Letter: A lesson from North Dakota's suffragist daughter Beulah Amidon

A person holds a letter with the text "letter to the editor" overlaid on the image.

Fargo (and all of North Dakota) should be proud of their suffragist daughter, Beulah Amidon. She was born in 1895 to United States District Judge for North Dakota Charles Freemont Amidon and his wife, Beulah.

Her father served as Fargo city attorney from 1890 to 1894. Beulah graduated from Barnard College—Phi Beta Kappa—and later studied law at the University of Southern California. But she was a suffragist who believed in the fight to ensure that the vote could not be denied based on sex (the 19th Amendment).

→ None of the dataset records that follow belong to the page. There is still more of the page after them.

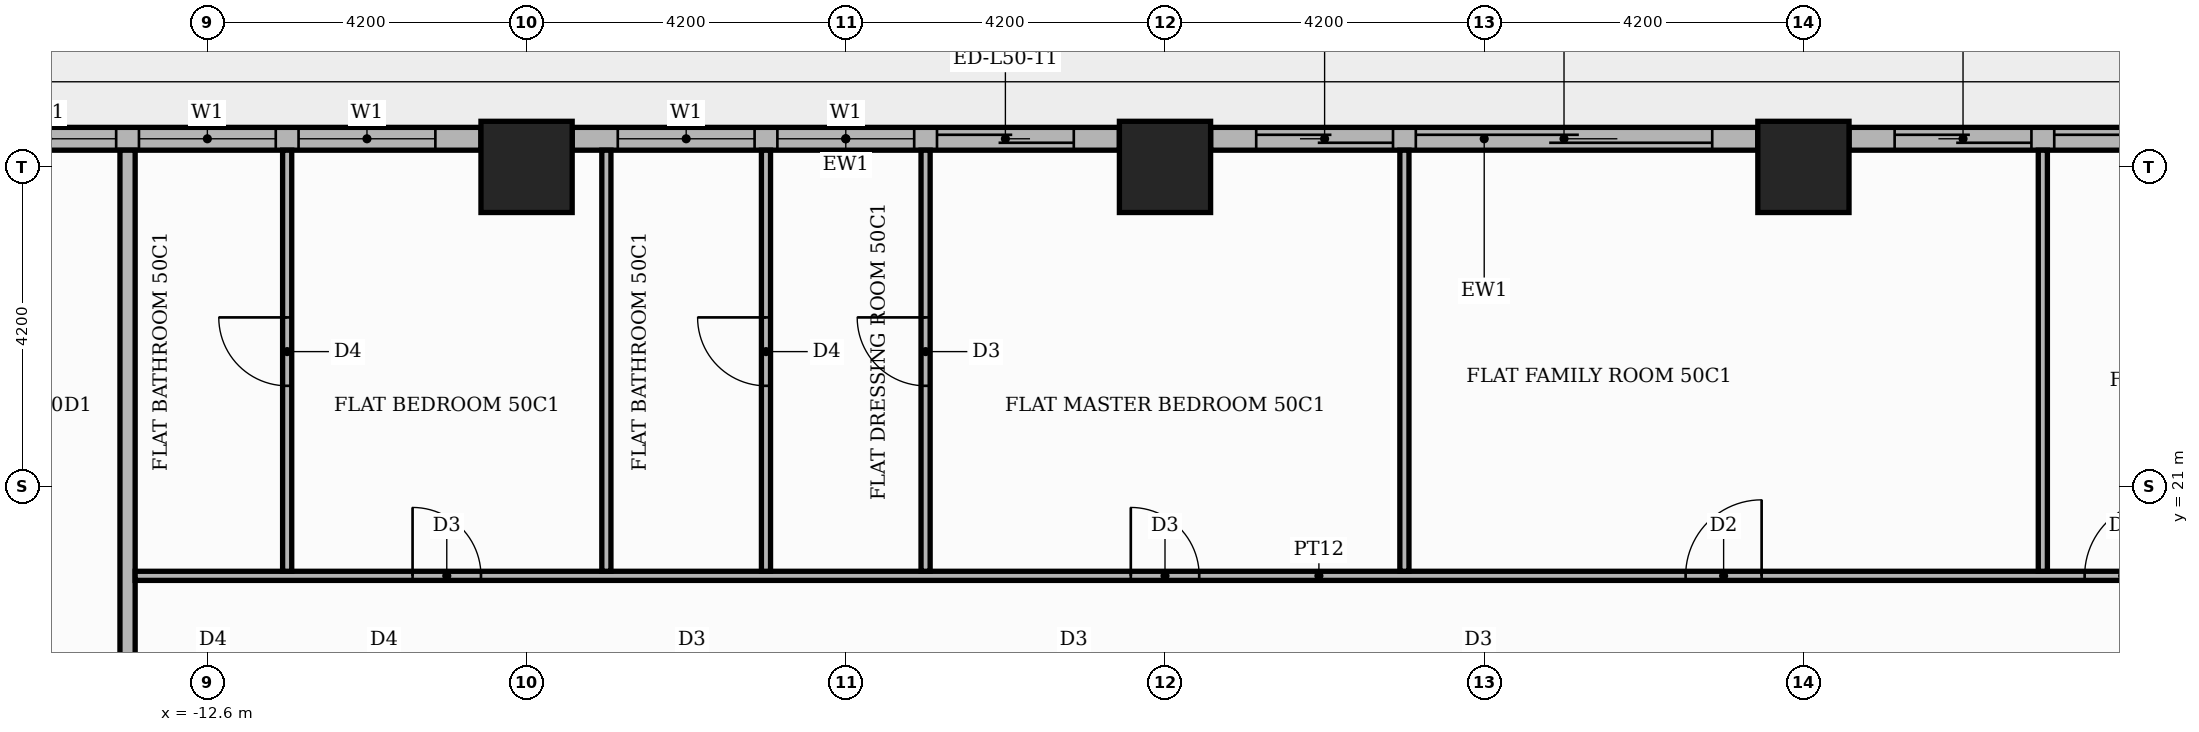
"""IFC4 building model, lengths in metres.
Left out: names, types, materials, properties, quantities, classifications, styles, units other than length and angle.
Written with IfcOpenShell. Run it as: python <this file> out.ifc"""

import sys

from ifc_helpers import new_model, si_unit, direction, frame, frame_2d, origin, origin_2d, place, context, subcontext, project, spatial, rectangle, extrude, element, fill, save


model = new_model("IFC4")
c1 = context("Model", 3, precision=1e-05, world=origin(), true_north=direction((0.0, 1.0)))
c2 = subcontext(c1, "Body", "Model", "MODEL_VIEW")
j1 = project(units=[si_unit("LENGTHUNIT", "METRE"), si_unit("PLANEANGLEUNIT", "RADIAN")], contexts=[c1])
p1 = place(None, origin())
s1 = spatial("IfcSite", under=j1, at=p1, CompositionType="ELEMENT")
p2 = place(p1, origin())
s2 = spatial("IfcBuilding", under=s1, at=p2, CompositionType="ELEMENT")
p3 = place(p2, frame((0.0, 0.0, 211.8)))
s3 = spatial("IfcBuildingStorey", under=s2, at=p3, CompositionType="ELEMENT", Elevation=211.8)
for number, where, z_axis, x_axis in (
    (1, (0.0, 25.2, 0.0), (0.0, 0.0, 1.0), (1.0, 0.0, 0.0)),
    (2, (-8.4, 25.2, 0.0), (0.0, 0.0, 1.0), (1.0, 0.0, 0.0)),
    (3, (8.4, 25.2, 0.0), (0.0, 0.0, 1.0), (1.0, 0.0, 0.0)),
):
    element("IfcColumn", number, at=place(p3, frame(where, z_axis=z_axis, x_axis=x_axis)), inside=s3, PredefinedType="COLUMN", context=c2, shape_type="SweptSolid", body=[
        extrude(rectangle(XDim=1.2, YDim=1.2, at=origin_2d()), origin(), (0.0, 0.0, 1.0), 3.9),
    ])
p4 = place(p3, frame((16.2, 25.57, 0.0), z_axis=(0.0, 0.0, 1.0), x_axis=(-1.0, 0.0, 0.0)))
e4 = element("IfcWall", 4, at=p4, inside=s3, PredefinedType="STANDARD", context=c2, shape_type="SweptSolid", body=[
    extrude(rectangle(XDim=7.2, YDim=0.3, at=frame_2d((3.6, 0.0))), origin(), (0.0, 0.0, 1.0), 3.48),
])
p5 = place(p4, frame((0.6, 0.0, 0.0)))
e5 = element("IfcOpeningElement", 5, at=p5, cuts=e4, PredefinedType="OPENING", context=c2, shape_type="SweptSolid", body=[
    extrude(rectangle(XDim=3.9, YDim=2.4, at=frame_2d((1.95, 1.2))), frame((0.0, 0.16, 0.0), z_axis=(0.0, -1.0, 0.0), x_axis=(1.0, 0.0, 0.0)), (0.0, 0.0, 1.0), 0.32),
])
p6 = place(p4, frame((4.8, 0.0, 0.0)))
e6 = element("IfcOpeningElement", 6, at=p6, cuts=e4, PredefinedType="OPENING", context=c2, shape_type="SweptSolid", body=[
    extrude(rectangle(XDim=1.8, YDim=2.4, at=frame_2d((0.9, 1.2))), frame((0.0, 0.16, 0.0), z_axis=(0.0, -1.0, 0.0), x_axis=(1.0, 0.0, 0.0)), (0.0, 0.0, 1.0), 0.32),
])
p7 = place(p3, frame((7.8, 25.57, 0.0), z_axis=(0.0, 0.0, 1.0), x_axis=(-1.0, 0.0, 0.0)))
e7 = element("IfcWall", 7, at=p7, inside=s3, PredefinedType="STANDARD", context=c2, shape_type="SweptSolid", body=[
    extrude(rectangle(XDim=7.2, YDim=0.3, at=frame_2d((3.6, 0.0))), origin(), (0.0, 0.0, 1.0), 3.48),
])
p8 = place(p7, frame((0.6, 0.0, 0.0)))
e8 = element("IfcOpeningElement", 8, at=p8, cuts=e7, PredefinedType="OPENING", context=c2, shape_type="SweptSolid", body=[
    extrude(rectangle(XDim=3.9, YDim=2.4, at=frame_2d((1.95, 1.2))), frame((0.0, 0.16, 0.0), z_axis=(0.0, -1.0, 0.0), x_axis=(1.0, 0.0, 0.0)), (0.0, 0.0, 1.0), 0.32),
])
p9 = place(p7, frame((4.8, 0.0, 0.0)))
e9 = element("IfcOpeningElement", 9, at=p9, cuts=e7, PredefinedType="OPENING", context=c2, shape_type="SweptSolid", body=[
    extrude(rectangle(XDim=1.8, YDim=2.4, at=frame_2d((0.9, 1.2))), frame((0.0, 0.16, 0.0), z_axis=(0.0, -1.0, 0.0), x_axis=(1.0, 0.0, 0.0)), (0.0, 0.0, 1.0), 0.32),
])
p10 = place(p3, frame((-0.6, 25.57, 0.0), z_axis=(0.0, 0.0, 1.0), x_axis=(-1.0, 0.0, 0.0)))
e10 = element("IfcWall", 10, at=p10, inside=s3, PredefinedType="STANDARD", context=c2, shape_type="SweptSolid", body=[
    extrude(rectangle(XDim=7.2, YDim=0.3, at=frame_2d((3.6, 0.0))), origin(), (0.0, 0.0, 1.0), 3.48),
])
p11 = place(p10, frame((0.6, 0.0, 0.0)))
e11 = element("IfcOpeningElement", 11, at=p11, cuts=e10, PredefinedType="OPENING", context=c2, shape_type="SweptSolid", body=[
    extrude(rectangle(XDim=1.8, YDim=2.4, at=frame_2d((0.9, 1.2))), frame((0.0, 0.16, 0.0), z_axis=(0.0, -1.0, 0.0), x_axis=(1.0, 0.0, 0.0)), (0.0, 0.0, 1.0), 0.32),
])
p12 = place(p10, frame((2.7, 0.0, 0.9)))
e12 = element("IfcOpeningElement", 12, at=p12, cuts=e10, PredefinedType="OPENING", context=c2, shape_type="SweptSolid", body=[
    extrude(rectangle(XDim=1.8, YDim=2.1, at=frame_2d((0.9, 1.05))), frame((0.0, 0.16, 0.0), z_axis=(0.0, -1.0, 0.0), x_axis=(1.0, 0.0, 0.0)), (0.0, 0.0, 1.0), 0.32),
])
p13 = place(p10, frame((4.8, 0.0, 0.9)))
e13 = element("IfcOpeningElement", 13, at=p13, cuts=e10, PredefinedType="OPENING", context=c2, shape_type="SweptSolid", body=[
    extrude(rectangle(XDim=1.8, YDim=2.1, at=frame_2d((0.9, 1.05))), frame((0.0, 0.16, 0.0), z_axis=(0.0, -1.0, 0.0), x_axis=(1.0, 0.0, 0.0)), (0.0, 0.0, 1.0), 0.32),
])
p14 = place(p3, frame((-9.0, 25.57, 0.0), z_axis=(0.0, 0.0, 1.0), x_axis=(-1.0, 0.0, 0.0)))
e14 = element("IfcWall", 14, at=p14, inside=s3, PredefinedType="STANDARD", context=c2, shape_type="SweptSolid", body=[
    extrude(rectangle(XDim=7.2, YDim=0.3, at=frame_2d((3.6, 0.0))), origin(), (0.0, 0.0, 1.0), 3.48),
])
p15 = place(p14, frame((0.6, 0.0, 0.9)))
e15 = element("IfcOpeningElement", 15, at=p15, cuts=e14, PredefinedType="OPENING", context=c2, shape_type="SweptSolid", body=[
    extrude(rectangle(XDim=1.8, YDim=2.1, at=frame_2d((0.9, 1.05))), frame((0.0, 0.16, 0.0), z_axis=(0.0, -1.0, 0.0), x_axis=(1.0, 0.0, 0.0)), (0.0, 0.0, 1.0), 0.32),
])
p16 = place(p14, frame((2.7, 0.0, 0.9)))
e16 = element("IfcOpeningElement", 16, at=p16, cuts=e14, PredefinedType="OPENING", context=c2, shape_type="SweptSolid", body=[
    extrude(rectangle(XDim=1.8, YDim=2.1, at=frame_2d((0.9, 1.05))), frame((0.0, 0.16, 0.0), z_axis=(0.0, -1.0, 0.0), x_axis=(1.0, 0.0, 0.0)), (0.0, 0.0, 1.0), 0.32),
])
p17 = place(p14, frame((4.8, 0.0, 0.9)))
e17 = element("IfcOpeningElement", 17, at=p17, cuts=e14, PredefinedType="OPENING", context=c2, shape_type="SweptSolid", body=[
    extrude(rectangle(XDim=1.8, YDim=2.1, at=frame_2d((0.9, 1.05))), frame((0.0, 0.16, 0.0), z_axis=(0.0, -1.0, 0.0), x_axis=(1.0, 0.0, 0.0)), (0.0, 0.0, 1.0), 0.32),
])
p18 = place(p3, frame((-13.65, 13.75, 0.0), z_axis=(0.0, 0.0, 1.0), x_axis=(0.0, 1.0, 0.0)))
e18 = element("IfcWall", 18, at=p18, inside=s3, PredefinedType="PARTITIONING", context=c2, shape_type="SweptSolid", body=[
    extrude(rectangle(XDim=11.67, YDim=0.2, at=frame_2d((5.835, 0.0))), origin(), (0.0, 0.0, 1.0), 3.48),
])
p19 = place(p3, frame((-13.55, 19.82, 0.0), z_axis=(0.0, 0.0, 1.0), x_axis=(1.0, 0.0, 0.0)))
e19 = element("IfcWall", 19, at=p19, inside=s3, PredefinedType="PARTITIONING", context=c2, shape_type="SweptSolid", body=[
    extrude(rectangle(XDim=31.15, YDim=0.12, at=frame_2d((15.575, 0.0))), origin(), (0.0, 0.0, 1.0), 3.48),
])
p20 = place(p19, frame((25.65, 0.0, 0.0)))
e20 = element("IfcOpeningElement", 20, at=p20, cuts=e19, PredefinedType="OPENING", context=c2, shape_type="SweptSolid", body=[
    extrude(rectangle(XDim=1.0, YDim=2.1, at=frame_2d((0.5, 1.05))), frame((0.0, 0.07, 0.0), z_axis=(0.0, -1.0, 0.0), x_axis=(1.0, 0.0, 0.0)), (0.0, 0.0, 1.0), 0.14),
])
p21 = place(p19, frame((20.4, 0.0, 0.0)))
e21 = element("IfcOpeningElement", 21, at=p21, cuts=e19, PredefinedType="OPENING", context=c2, shape_type="SweptSolid", body=[
    extrude(rectangle(XDim=1.0, YDim=2.1, at=frame_2d((0.5, 1.05))), frame((0.0, 0.07, 0.0), z_axis=(0.0, -1.0, 0.0), x_axis=(1.0, 0.0, 0.0)), (0.0, 0.0, 1.0), 0.14),
])
p22 = place(p19, frame((13.1, 0.0, 0.0)))
e22 = element("IfcOpeningElement", 22, at=p22, cuts=e19, PredefinedType="OPENING", context=c2, shape_type="SweptSolid", body=[
    extrude(rectangle(XDim=0.9, YDim=2.1, at=frame_2d((0.45, 1.05))), frame((0.0, 0.07, 0.0), z_axis=(0.0, -1.0, 0.0), x_axis=(1.0, 0.0, 0.0)), (0.0, 0.0, 1.0), 0.14),
])
p23 = place(p19, frame((3.65, 0.0, 0.0)))
e23 = element("IfcOpeningElement", 23, at=p23, cuts=e19, PredefinedType="OPENING", context=c2, shape_type="SweptSolid", body=[
    extrude(rectangle(XDim=0.9, YDim=2.1, at=frame_2d((0.45, 1.05))), frame((0.0, 0.07, 0.0), z_axis=(0.0, -1.0, 0.0), x_axis=(1.0, 0.0, 0.0)), (0.0, 0.0, 1.0), 0.14),
])
p24 = place(p3, frame((-11.55, 19.88, 0.0), z_axis=(0.0, 0.0, 1.0), x_axis=(0.0, 1.0, 0.0)))
e24 = element("IfcWall", 24, at=p24, inside=s3, PredefinedType="PARTITIONING", context=c2, shape_type="SweptSolid", body=[
    extrude(rectangle(XDim=5.54, YDim=0.12, at=frame_2d((2.77, 0.0))), origin(), (0.0, 0.0, 1.0), 3.48),
])
p25 = place(p24, frame((2.44, 0.0, 0.0)))
e25 = element("IfcOpeningElement", 25, at=p25, cuts=e24, PredefinedType="OPENING", context=c2, shape_type="SweptSolid", body=[
    extrude(rectangle(XDim=0.9, YDim=2.1, at=frame_2d((0.45, 1.05))), frame((0.0, 0.07, 0.0), z_axis=(0.0, -1.0, 0.0), x_axis=(1.0, 0.0, 0.0)), (0.0, 0.0, 1.0), 0.14),
])
p26 = place(p3, frame((-7.35, 19.88, 0.0), z_axis=(0.0, 0.0, 1.0), x_axis=(0.0, 1.0, 0.0)))
e26 = element("IfcWall", 26, at=p26, inside=s3, PredefinedType="PARTITIONING", context=c2, shape_type="SweptSolid", body=[
    extrude(rectangle(XDim=5.54, YDim=0.12, at=frame_2d((2.77, 0.0))), origin(), (0.0, 0.0, 1.0), 3.48),
])
p27 = place(p3, frame((-5.25, 19.88, 0.0), z_axis=(0.0, 0.0, 1.0), x_axis=(0.0, 1.0, 0.0)))
e27 = element("IfcWall", 27, at=p27, inside=s3, PredefinedType="PARTITIONING", context=c2, shape_type="SweptSolid", body=[
    extrude(rectangle(XDim=5.54, YDim=0.12, at=frame_2d((2.77, 0.0))), origin(), (0.0, 0.0, 1.0), 3.48),
])
p28 = place(p27, frame((2.44, 0.0, 0.0)))
e28 = element("IfcOpeningElement", 28, at=p28, cuts=e27, PredefinedType="OPENING", context=c2, shape_type="SweptSolid", body=[
    extrude(rectangle(XDim=0.9, YDim=2.1, at=frame_2d((0.45, 1.05))), frame((0.0, 0.07, 0.0), z_axis=(0.0, -1.0, 0.0), x_axis=(1.0, 0.0, 0.0)), (0.0, 0.0, 1.0), 0.14),
])
p29 = place(p3, frame((-3.15, 19.88, 0.0), z_axis=(0.0, 0.0, 1.0), x_axis=(0.0, 1.0, 0.0)))
e29 = element("IfcWall", 29, at=p29, inside=s3, PredefinedType="PARTITIONING", context=c2, shape_type="SweptSolid", body=[
    extrude(rectangle(XDim=5.54, YDim=0.12, at=frame_2d((2.77, 0.0))), origin(), (0.0, 0.0, 1.0), 3.48),
])
p30 = place(p29, frame((2.44, 0.0, 0.0)))
e30 = element("IfcOpeningElement", 30, at=p30, cuts=e29, PredefinedType="OPENING", context=c2, shape_type="SweptSolid", body=[
    extrude(rectangle(XDim=0.9, YDim=2.1, at=frame_2d((0.45, 1.05))), frame((0.0, 0.07, 0.0), z_axis=(0.0, -1.0, 0.0), x_axis=(1.0, 0.0, 0.0)), (0.0, 0.0, 1.0), 0.14),
])
for number, where, z_axis, x_axis in (
    (31, (3.15, 19.88, 0.0), (0.0, 0.0, 1.0), (0.0, 1.0, 0.0)),
    (32, (11.55, 19.88, 0.0), (0.0, 0.0, 1.0), (0.0, 1.0, 0.0)),
):
    element("IfcWall", number, at=place(p3, frame(where, z_axis=z_axis, x_axis=x_axis)), inside=s3, PredefinedType="PARTITIONING", context=c2, shape_type="SweptSolid", body=[
        extrude(rectangle(XDim=5.54, YDim=0.12, at=frame_2d((2.77, 0.0))), origin(), (0.0, 0.0, 1.0), 3.48),
    ])
p31 = place(p5, origin())
e33 = element("IfcDoor", 33, at=p31, inside=s3, OperationType="SLIDING_TO_LEFT", PredefinedType="DOOR", context=c2, shape_type="SweptSolid", body=[
    extrude(rectangle(XDim=3.9, YDim=2.4, at=frame_2d((1.95, 1.2))), frame((0.0, 0.025, 0.0), z_axis=(0.0, -1.0, 0.0), x_axis=(1.0, 0.0, 0.0)), (0.0, 0.0, 1.0), 0.05),
])
fill(e5, e33)
p32 = place(p6, origin())
e34 = element("IfcDoor", 34, at=p32, inside=s3, OperationType="SLIDING_TO_RIGHT", PredefinedType="DOOR", context=c2, shape_type="SweptSolid", body=[
    extrude(rectangle(XDim=1.8, YDim=2.4, at=frame_2d((0.9, 1.2))), frame((0.0, 0.025, 0.0), z_axis=(0.0, -1.0, 0.0), x_axis=(1.0, 0.0, 0.0)), (0.0, 0.0, 1.0), 0.05),
])
fill(e6, e34)
p33 = place(p8, origin())
e35 = element("IfcDoor", 35, at=p33, inside=s3, OperationType="SLIDING_TO_LEFT", PredefinedType="DOOR", context=c2, shape_type="SweptSolid", body=[
    extrude(rectangle(XDim=3.9, YDim=2.4, at=frame_2d((1.95, 1.2))), frame((0.0, 0.025, 0.0), z_axis=(0.0, -1.0, 0.0), x_axis=(1.0, 0.0, 0.0)), (0.0, 0.0, 1.0), 0.05),
])
fill(e8, e35)
p34 = place(p9, origin())
e36 = element("IfcDoor", 36, at=p34, inside=s3, OperationType="SLIDING_TO_RIGHT", PredefinedType="DOOR", context=c2, shape_type="SweptSolid", body=[
    extrude(rectangle(XDim=1.8, YDim=2.4, at=frame_2d((0.9, 1.2))), frame((0.0, 0.025, 0.0), z_axis=(0.0, -1.0, 0.0), x_axis=(1.0, 0.0, 0.0)), (0.0, 0.0, 1.0), 0.05),
])
fill(e9, e36)
p35 = place(p11, origin())
e37 = element("IfcDoor", 37, at=p35, inside=s3, OperationType="SLIDING_TO_LEFT", PredefinedType="DOOR", context=c2, shape_type="SweptSolid", body=[
    extrude(rectangle(XDim=1.8, YDim=2.4, at=frame_2d((0.9, 1.2))), frame((0.0, 0.025, 0.0), z_axis=(0.0, -1.0, 0.0), x_axis=(1.0, 0.0, 0.0)), (0.0, 0.0, 1.0), 0.05),
])
fill(e11, e37)
p36 = place(p12, origin())
e38 = element("IfcWindow", 38, at=p36, inside=s3, PartitioningType="SINGLE_PANEL", PredefinedType="WINDOW", context=c2, shape_type="SweptSolid", body=[
    extrude(rectangle(XDim=1.8, YDim=2.1, at=frame_2d((0.9, 1.05))), frame((0.0, 0.03, 0.0), z_axis=(0.0, -1.0, 0.0), x_axis=(1.0, 0.0, 0.0)), (0.0, 0.0, 1.0), 0.06),
])
fill(e12, e38)
p37 = place(p13, origin())
e39 = element("IfcWindow", 39, at=p37, inside=s3, PartitioningType="SINGLE_PANEL", PredefinedType="WINDOW", context=c2, shape_type="SweptSolid", body=[
    extrude(rectangle(XDim=1.8, YDim=2.1, at=frame_2d((0.9, 1.05))), frame((0.0, 0.03, 0.0), z_axis=(0.0, -1.0, 0.0), x_axis=(1.0, 0.0, 0.0)), (0.0, 0.0, 1.0), 0.06),
])
fill(e13, e39)
p38 = place(p15, origin())
e40 = element("IfcWindow", 40, at=p38, inside=s3, PartitioningType="SINGLE_PANEL", PredefinedType="WINDOW", context=c2, shape_type="SweptSolid", body=[
    extrude(rectangle(XDim=1.8, YDim=2.1, at=frame_2d((0.9, 1.05))), frame((0.0, 0.03, 0.0), z_axis=(0.0, -1.0, 0.0), x_axis=(1.0, 0.0, 0.0)), (0.0, 0.0, 1.0), 0.06),
])
fill(e15, e40)
p39 = place(p16, origin())
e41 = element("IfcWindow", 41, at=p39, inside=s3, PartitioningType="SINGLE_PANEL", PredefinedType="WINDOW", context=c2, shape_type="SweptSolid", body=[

She was one of the Silent Sentinels that picketed the Wilson White House demanding that the president support a constitutional amendment empowering women with the right to vote. She stood with women committed to the principles of our republic. In the words of President Lincoln, our government is "of, by, and for [all] the people."

Serving as the press secretary for the National Woman's Party, she actively campaigned for suffrage referendums in North Dakota and New York. She organized and spoke for the federal suffrage amendment in eleven states and worked to defeat those who opposed women suffrage.

According to the Turning Point National Suffragist Memorial Association, she was called the "prettiest suffragist" by the other women, she was jailed after picketing on Aug. 15, 1917. On that day, 50 purple, white and gold flags were destroyed by a mob led by sailors in uniform. Amidon was knocked down by one of the sailors. She encouraged the other suffragists and told them the "big world is watching - and learning - and admiring, and pretty soon the job will be done."


Yes, Fargo should be proud of her and what she accomplished. She went to prison for her beliefs. The question is are you willing to stand up and be counted in 2020? will you vote? Let's remember Beulah and stand together for freedom by voting in 2020..

Celebrate North Dakota's ratification Dec. 1, 2019, and the National Centennial on August 26, 2020.